Since labor supply growth is slowing because of immigration policy, and labor demand is growing slower as well, the Fed has been talking more about the unemployment rate this year and de-emphasizing trends in payrolls. The unemployment rate’s latest increase shows that labor demand is not keeping up with labor supply. The forward-looking outlook is concerning, too. The unemployment rate of Black or African American workers is an eye-catching detail; it was up 1.5 percentage points from May in August and September. In past job market downturns, higher unemployment of Black or African American workers has been a leading indicator of higher unemployment ahead for all workers, so this is a flashing warning sign for the outlook. Another concerning detail from the household survey is that the labor force participation rate for teenagers (16-19 in the survey) was the lowest this summer since the pandemic. The teen unemployment rate fell in September, but that was because many young people gave up on finding work and returned to school. Likewise, details of the payroll survey suggest that the month’s uptick is unlikely to indicate an improvement in the trend. The end of the summer flattered job growth in leisure and hospitality and in retail, industries where many teenagers find summer work. Before adjusting for regular seasonal changes, leisure and hospitality employment averaged a 441,000 monthly decline in September between 2015 and 2024, and retail averaged a 104,000 drop as summer workers left payrolls. September 2025’s seasonally-adjusted increase means employment in these industries fell, but fell less than usual—and we should be careful about calling less down the new up. Also, healthcare and social assistance accounted for over 60% of job growth in the last twelve months despite comprising only 15% of payrolls; hiring is weak in industries that fluctuate more with the business cycle. Finally, payrolls revisions have been negative in seven out of last nine months, averaging a 44,000 markdown to the prior two months. These revisions are because businesses who report payrolls after the deadline for the BLS to finish the report had worse employment than businesses who submitted responses by the deadline. This pattern implies that future revisions are more likely to be negative than positive.

This long-delayed jobs report is the gold standard for measuring the labor market, but the Fed also is watching a range of more timely alternate data sources that show private job growth was weak in October as well, while the federal government likely shed 75,000 to 150,000 workers. Similar sources show that business hiring intentions are cooling and layoff plans increasing. Harder to quantify but possibly more important, AI adoption could weaken demand for white-collar workers in 2026. In the minutes of the Fed’s October decision, “most” FOMC members described the jobs backdrop as a “very gradual cooling,” but that seems too rosy after the September jobs report, as well as alternate data released during the shutdown.

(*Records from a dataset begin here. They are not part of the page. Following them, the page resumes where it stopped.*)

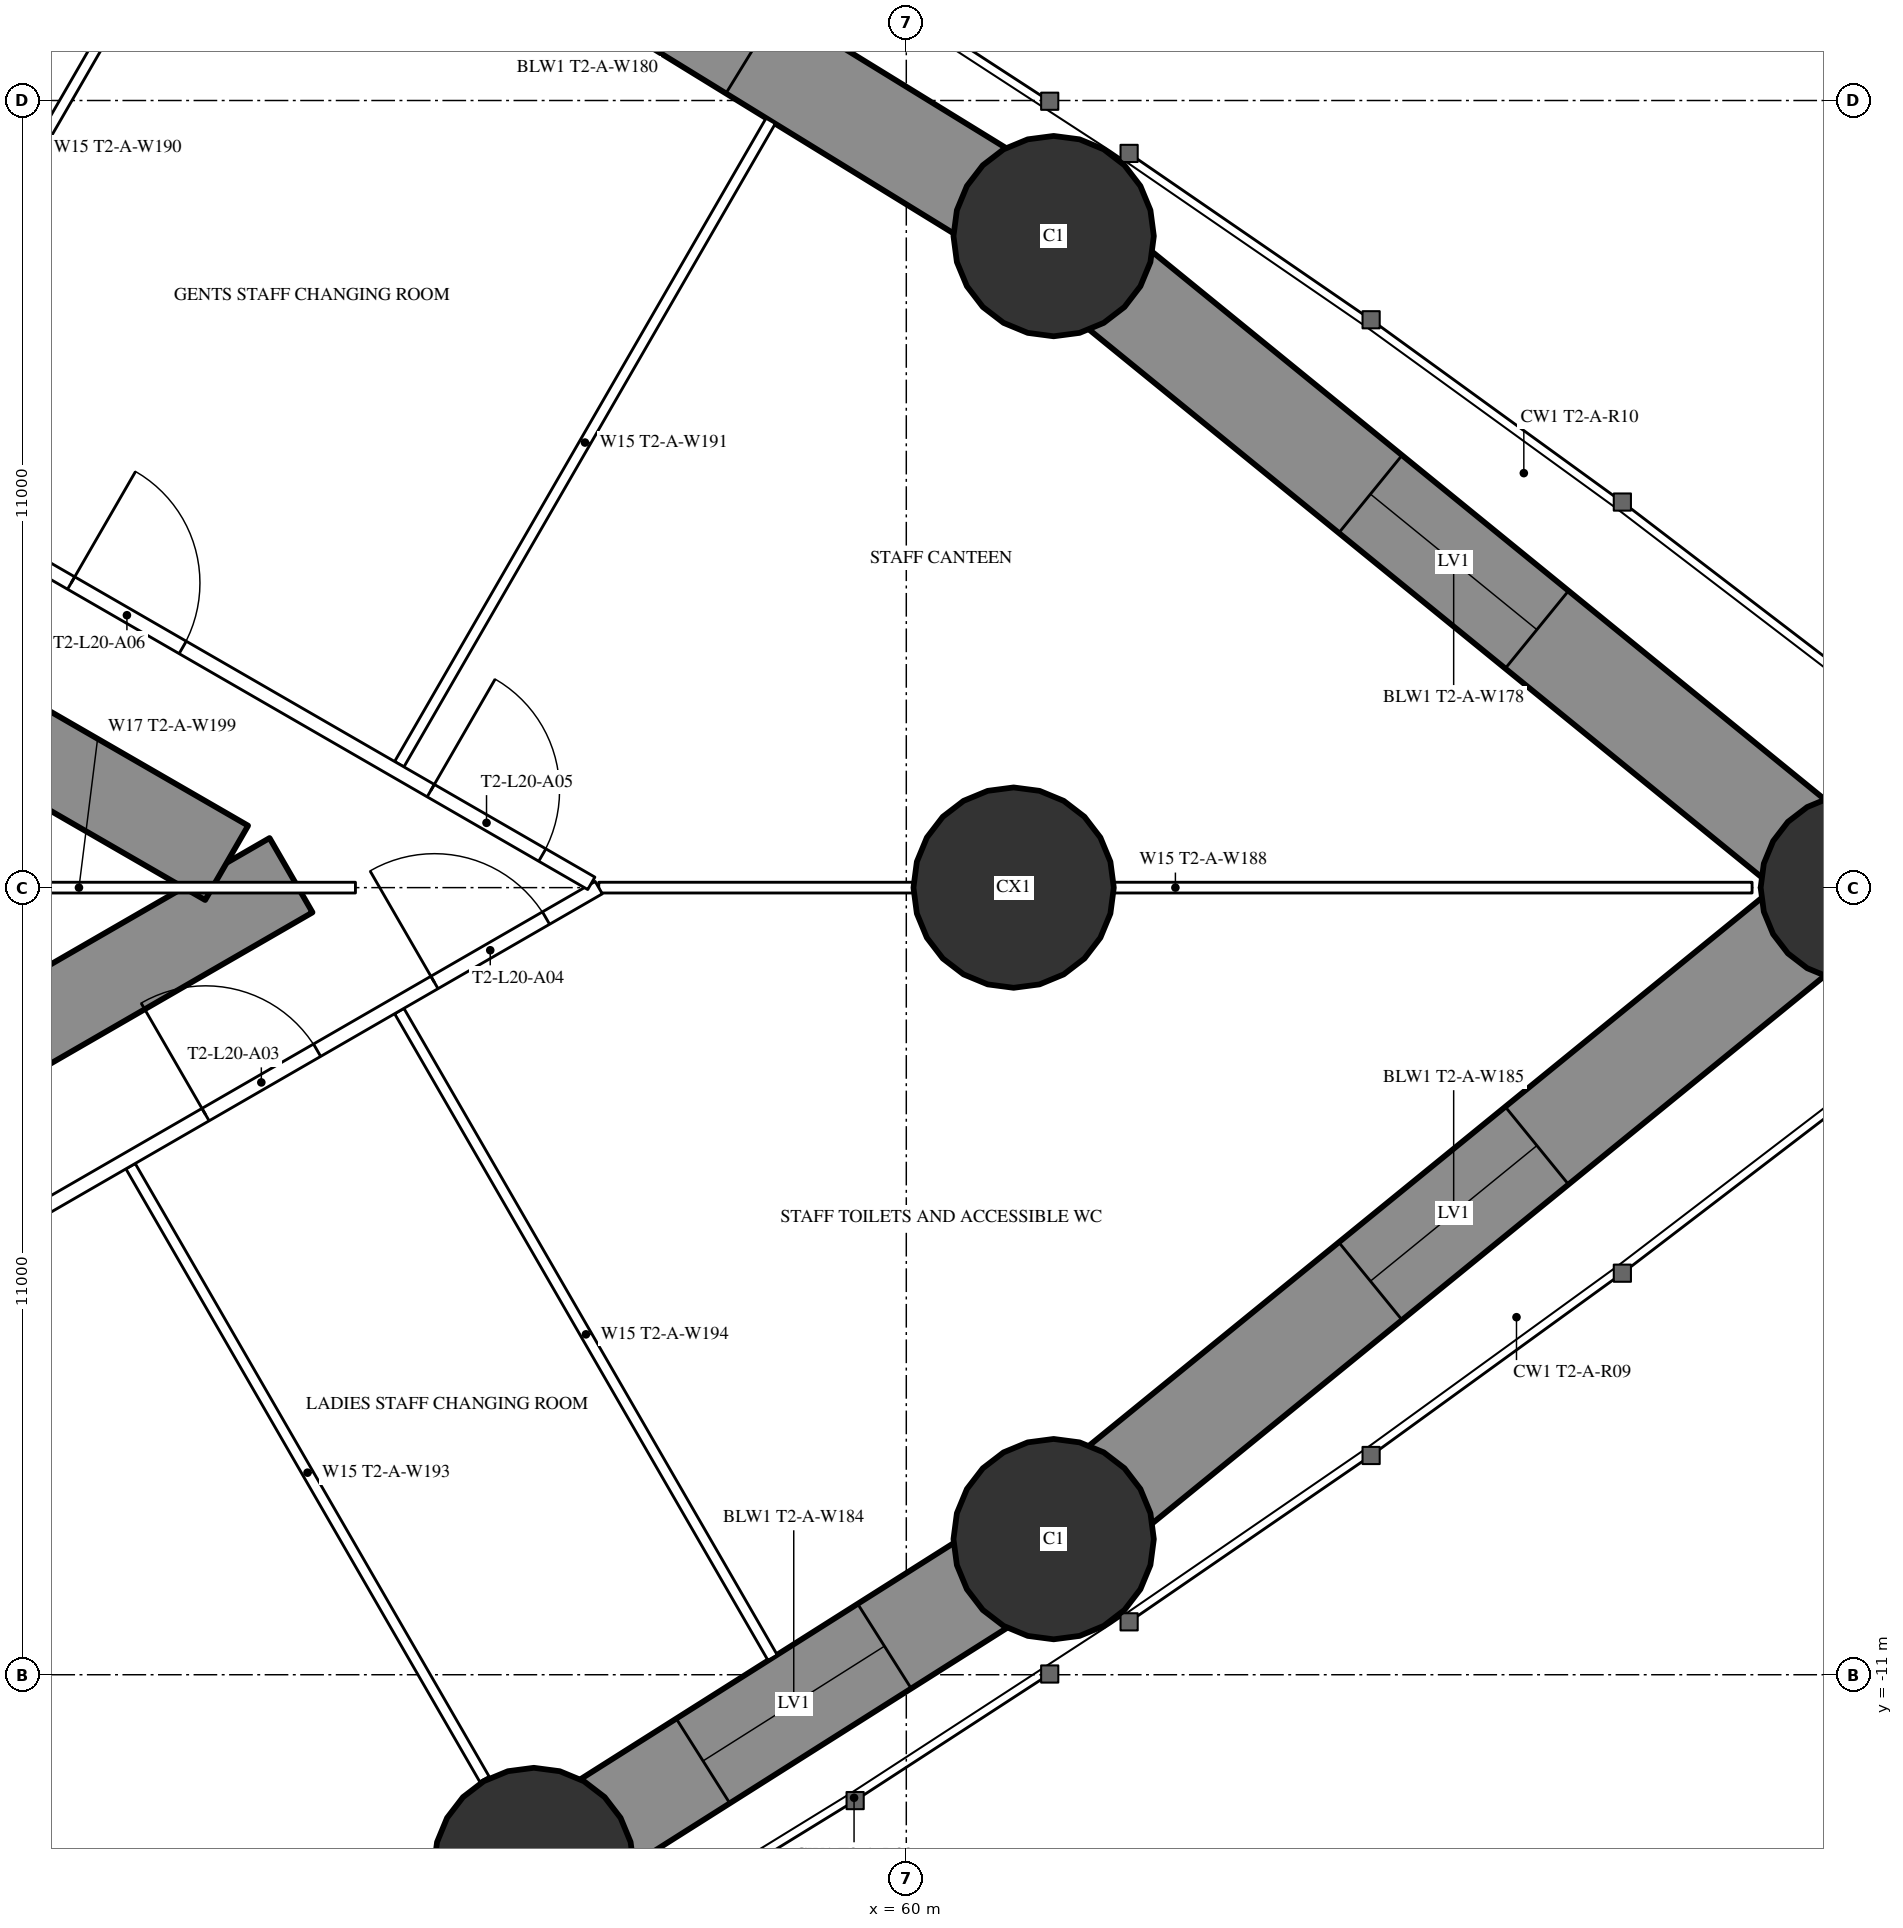
"""IFC4 building model, lengths in metres.
Left out: names, types, materials, properties, quantities, classifications, styles, units other than length and angle.
Written with IfcOpenShell. Run it as: python <this file> out.ifc"""

import sys

from ifc_helpers import new_model, si_unit, direction, frame, frame_2d, origin, origin_2d, place, context, subcontext, project, spatial, rectangle, hollow_circle, extrude, element, fill, save


model = new_model("IFC4")
c1 = context("Model", 3, precision=1e-05, world=origin(), true_north=direction((0.0, 1.0)))
c2 = subcontext(c1, "Body", "Model", "MODEL_VIEW")
j1 = project(units=[si_unit("LENGTHUNIT", "METRE"), si_unit("PLANEANGLEUNIT", "RADIAN")], contexts=[c1])
p1 = place(None, origin())
s1 = spatial("IfcSite", under=j1, at=p1, CompositionType="ELEMENT")
p2 = place(p1, origin())
s2 = spatial("IfcBuilding", under=s1, at=p2, CompositionType="ELEMENT")
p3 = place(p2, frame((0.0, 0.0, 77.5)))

The BLS is delaying the release of the November jobs report because of the shutdown, so Fed policymakers won’t be able to review it before their next decision December 10. That will force them to put more emphasis on the September report, as well as alternate estimates of job growth for November from the private data sources which influenced their decision to cut in October. 

Fed policymakers have been talking down the likelihood of additional rate cuts near-term after the October decision, and for understandable reasons. The minutes of their October meeting showed a good deal of harrumphing about stock market valuations. Policymakers don’t want to add fuel to that fire. It’s natural for the Fed to keep a stiff upper lip in the face of pressure on their independence from the White House. Not least among their considerations, inflation continues to exceed their target due to tariff pass-through and upward pressures on meat prices from climate and disease. Even so, Comerica sees the softening jobs market as making a rate cut more likely than not at the Fed’s December decision. Financial markets priced in about seven in ten odds of a cut in December on November 21, the day after the jobs report’s release.